Doesn't HGVC make the Reservation Rules. Please explain the comment "They have to police each of the changes"


----------



## Jason245 (Mar 3, 2016)

Tamaradarann said:


> Doesn't HGVC make the Reservation Rules. Please explain the comment "They have to police each of the changes"


Every reservation rule means:

1. More to train staff and sales people on.

2. More it testing to ensure reservation systems work right. 

This stuff needs to be enforced and it is much less difficult to enforce 1 rule than 3 or 4 or 5 rules when it comes to reservation windows. .. 

Sent from my SAMSUNG-SM-N910A using Tapatalk


----------



## Tamaradarann (Mar 3, 2016)

*New Computer System will Take Training*



Jason245 said:


> Every reservation rule means:
> 
> 1. More to train staff and sales people on.
> 
> ...



The New Computer System will take training for all staff anyway.  The new system could program in limits of 7 consecutive days of Club Season Reservations just as there are 30 day limits of consecutive days of Club Season Reservations at present so no training would be needed at all for that rule change. 
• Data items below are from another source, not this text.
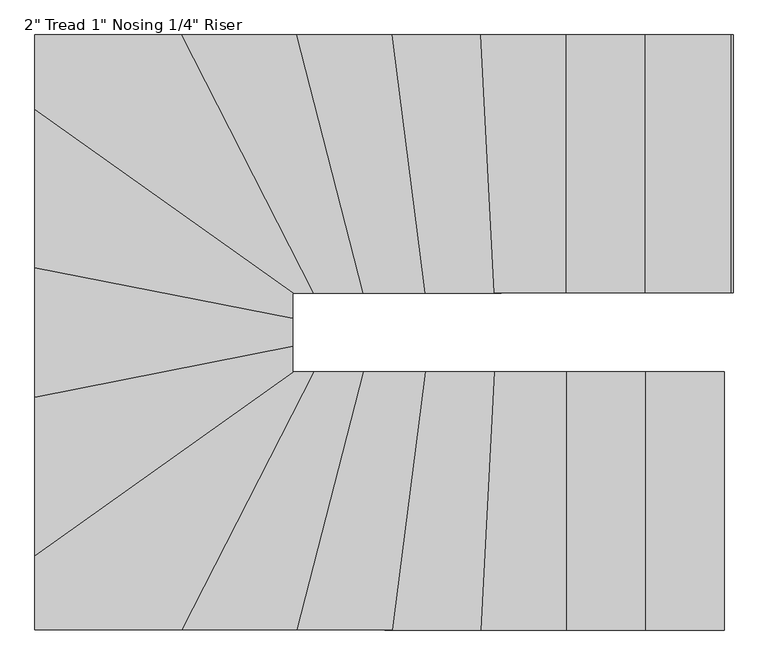
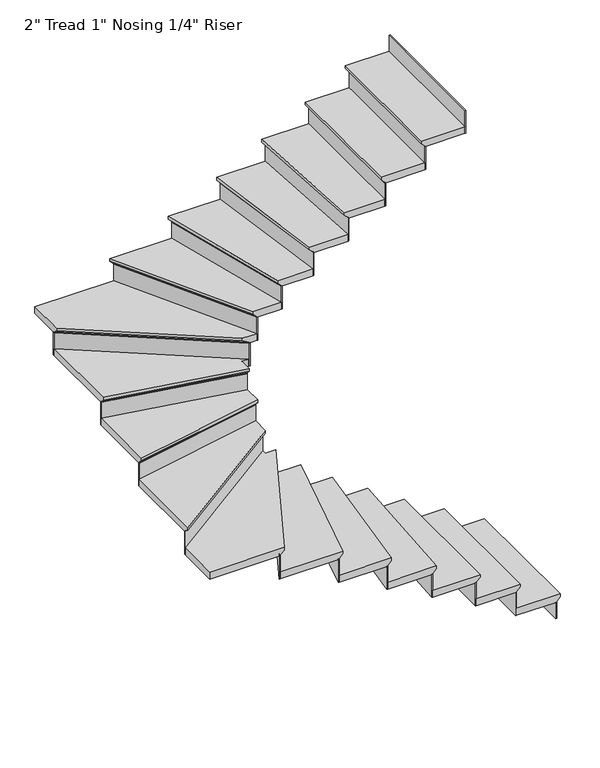
"""IFC4 building model written with IfcOpenShell, lengths in millimetres: stair flight geometry."""

from ifc_helpers import new_model, si_unit, origin, place, context, project, spatial, faceted_brep, source, transform, mapped, element, save


def stair_flight_6e6a5ea5(model_context):
    return source(origin(), model_context, "Body", "Brep", [
        faceted_brep([(-1660.1449167, -345.7070853, 150.2833333), (-1660.1449167, -345.7070853, 169.3333333), (-1660.1449167, -1260.1070853, 169.3333333), (-1660.1449167, -1260.1070853, 150.2833333), (-1685.5449167, -345.7070853, 124.8833333), (-1685.5449167, -1260.1070853, 124.8833333), (-1964.9449167, -345.7070853, 169.3333333), (-1964.9449167, -1260.1070853, 169.3333333), (-1685.5449167, -1260.1070853, 118.5333333), (-1964.9449167, -1260.1070853, 118.5333333), (-1964.9449167, -345.7070853, 118.5333333), (-1685.5449167, -345.7070853, 118.5333333)], [[[0, 1, 2, 3]], [[4, 0, 3, 5]], [[2, 1, 6, 7]], [[8, 9, 10, 11]], [[2, 7, 9, 8, 5, 3]], [[8, 11, 4, 5]], [[6, 1, 0, 4, 11, 10]], [[7, 6, 10, 9]]]),
        faceted_brep([(-1685.5449167, -345.7070853, 118.5333333), (-1685.5449167, -345.7070853, 0.0), (-1691.8949167, -345.7070853, 0.0), (-1691.8949167, -345.7070853, 118.5333333), (-1685.5449167, -1260.1070853, 118.5333333), (-1691.8949167, -1260.1070853, 118.5333333), (-1691.8949167, -1260.1070853, 0.0), (-1685.5449167, -1260.1070853, 0.0)], [[[0, 1, 2, 3]], [[4, 5, 6, 7]], [[1, 0, 4, 7]], [[2, 1, 7, 6]], [[3, 2, 6, 5]], [[0, 3, 5, 4]]]),
        faceted_brep([(-1964.9449167, -345.7070853, 287.8666667), (-1964.9449167, -345.7070853, 118.5333333), (-1971.2949167, -345.7070853, 118.5333333), (-1971.2949167, -345.7070853, 287.8666667), (-1964.9449167, -1260.1070853, 287.8666667), (-1971.2949167, -1260.1070853, 287.8666667), (-1971.2949167, -1260.1070853, 118.5333333), (-1964.9449167, -1260.1070853, 118.5333333)], [[[0, 1, 2, 3]], [[4, 5, 6, 7]], [[1, 0, 4, 7]], [[2, 1, 7, 6]], [[3, 2, 6, 5]], [[0, 3, 5, 4]]]),
        faceted_brep([(-1939.5449167, -1260.1070853, 338.6666667), (-1939.5449167, -345.7070853, 338.6666667), (-2244.3449167, -345.7070853, 338.6666667), (-2244.3449167, -1260.1070853, 338.6666667), (-1964.9449167, -1260.1070853, 287.8666667), (-2244.3449167, -1260.1070853, 287.8666667), (-2244.3449167, -345.7070853, 287.8666667), (-1964.9449167, -345.7070853, 287.8666667), (-1964.9449167, -1260.1070853, 294.2166667), (-1939.5449167, -1260.1070853, 319.6166667), (-1964.9449167, -345.7070853, 294.2166667), (-1939.5449167, -345.7070853, 319.6166667)], [[[0, 1, 2, 3]], [[4, 5, 6, 7]], [[0, 3, 5, 4, 8, 9]], [[4, 7, 10, 8]], [[2, 1, 11, 10, 7, 6]], [[3, 2, 6, 5]], [[11, 1, 0, 9]], [[10, 11, 9, 8]]]),
        faceted_brep([(-2244.3449167, -345.7070853, 457.2), (-2244.3449167, -345.7070853, 287.8666667), (-2250.6949167, -345.7070853, 287.8666667), (-2250.6949167, -345.7070853, 457.2), (-2244.3449167, -1260.1070853, 457.2), (-2250.6949167, -1260.1070853, 457.2), (-2250.6949167, -1260.1070853, 287.8666667), (-2244.3449167, -1260.1070853, 287.8666667)], [[[0, 1, 2, 3]], [[4, 5, 6, 7]], [[1, 0, 4, 7]], [[2, 1, 7, 6]], [[3, 2, 6, 5]], [[0, 3, 5, 4]]]),
        faceted_brep([(-2218.9449167, -1260.1070853, 508.0), (-2218.9449167, -345.7070853, 508.0), (-2500.0120781, -345.7070853, 508.0), (-2547.5463485, -1260.1070853, 508.0), (-2244.3449167, -1260.1070853, 457.2), (-2547.5463485, -1260.1070853, 457.2), (-2500.0120781, -345.7070853, 457.2), (-2244.3449167, -345.7070853, 457.2), (-2244.3449167, -1260.1070853, 463.55), (-2218.9449167, -1260.1070853, 488.95), (-2244.3449167, -345.7070853, 463.55), (-2218.9449167, -345.7070853, 488.95)], [[[0, 1, 2, 3]], [[4, 5, 6, 7]], [[0, 3, 5, 4, 8, 9]], [[4, 7, 10, 8]], [[2, 1, 11, 10, 7, 6]], [[3, 2, 6, 5]], [[11, 1, 0, 9]], [[10, 11, 9, 8]]]),
        faceted_brep([(-2500.0120781, -345.7070853, 626.5333333), (-2500.0120781, -345.7070853, 457.2), (-2506.3706523, -345.7070853, 457.2), (-2506.3706523, -345.7070853, 626.5333333), (-2547.5463485, -1260.1070853, 626.5333333), (-2553.9049227, -1260.1070853, 626.5333333), (-2553.9049227, -1260.1070853, 457.2), (-2547.5463485, -1260.1070853, 457.2)], [[[0, 1, 2, 3]], [[4, 5, 6, 7]], [[1, 0, 4, 7]], [[2, 1, 7, 6]], [[3, 2, 6, 5]], [[0, 3, 5, 4]]]),
        faceted_brep([(-2522.1120519, -1260.1070853, 677.3333333), (-2474.5777815, -345.7070853, 677.3333333), (-2744.178778, -345.7070853, 677.3333333), (-2862.5348296, -1260.1070853, 677.3333333), (-2547.5463485, -1260.1070853, 626.5333333), (-2862.5348296, -1260.1070853, 626.5333333), (-2744.178778, -345.7070853, 626.5333333), (-2500.0120781, -345.7070853, 626.5333333), (-2547.5463485, -1260.1070853, 632.8833333), (-2522.1120519, -1260.1070853, 658.2833333), (-2500.0120781, -345.7070853, 632.8833333), (-2474.5777815, -345.7070853, 658.2833333)], [[[0, 1, 2, 3]], [[4, 5, 6, 7]], [[0, 3, 5, 4, 8, 9]], [[4, 7, 10, 8]], [[2, 1, 11, 10, 7, 6]], [[3, 2, 6, 5]], [[11, 1, 0, 9]], [[10, 11, 9, 8]]]),
        faceted_brep([(-2744.178778, -345.7070853, 795.8666667), (-2744.178778, -345.7070853, 626.5333333), (-2750.5817497, -345.7070853, 626.5333333), (-2750.5817497, -345.7070853, 795.8666667), (-2862.5348296, -1260.1070853, 795.8666667), (-2868.9378014, -1260.1070853, 795.8666667), (-2868.9378014, -1260.1070853, 626.5333333), (-2862.5348296, -1260.1070853, 626.5333333)], [[[0, 1, 2, 3]], [[4, 5, 6, 7]], [[1, 0, 4, 7]], [[2, 1, 7, 6]], [[3, 2, 6, 5]], [[0, 3, 5, 4]]]),
        faceted_brep([(-2836.9229425, -1260.1070853, 846.6666667), (-2718.5668908, -345.7070853, 846.6666667), (-2965.8060004, -345.7070853, 846.6666667), (-3200.9364478, -1260.1070853, 846.6666667), (-2862.5348296, -1260.1070853, 795.8666667), (-3200.9364478, -1260.1070853, 795.8666667), (-2965.8060004, -345.7070853, 795.8666667), (-2744.178778, -345.7070853, 795.8666667), (-2862.5348296, -1260.1070853, 802.2166667), (-2836.9229425, -1260.1070853, 827.6166667), (-2744.178778, -345.7070853, 802.2166667), (-2718.5668908, -345.7070853, 827.6166667)], [[[0, 1, 2, 3]], [[4, 5, 6, 7]], [[0, 3, 5, 4, 8, 9]], [[4, 7, 10, 8]], [[2, 1, 11, 10, 7, 6]], [[3, 2, 6, 5]], [[11, 1, 0, 9]], [[10, 11, 9, 8]]]),
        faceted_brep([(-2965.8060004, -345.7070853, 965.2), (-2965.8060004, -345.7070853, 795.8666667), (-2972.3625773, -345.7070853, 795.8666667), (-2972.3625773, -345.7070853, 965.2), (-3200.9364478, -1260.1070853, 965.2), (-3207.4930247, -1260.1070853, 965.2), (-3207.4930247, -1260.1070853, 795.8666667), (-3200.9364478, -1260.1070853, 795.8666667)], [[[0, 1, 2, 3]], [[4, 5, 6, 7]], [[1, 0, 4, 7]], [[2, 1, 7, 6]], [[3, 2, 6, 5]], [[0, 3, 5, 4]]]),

Moreover, the new system could be programmed to not allow Club Season Reservations at a resort unless you own at that resort or in that City.  That might actually spur sales at the new resorts for people who want to go there and don't already own there but are owner/members in other locations.  As we know there are already Club Season reservation restrictions unless you own at West 57th Street.


----------



## Jason245 (Mar 3, 2016)

Tamaradarann said:


> The New Computer System will take training for all staff anyway.  The new system could program in limits of 7 consecutive days of Club Season Reservations just as there are 30 day limits of consecutive days of Club Season Reservations at present so no training would be needed at all for that rule change.
> 
> Moreover, the new system could be programmed to not allow Club Season Reservations at a resort unless you own at that resort or in that City.  That might actually spur sales at the new resorts for people who want to go there and don't already own there but are owner/members in other locations.  As we know there are already Club Season reservation restrictions unless you own at West 57th Street.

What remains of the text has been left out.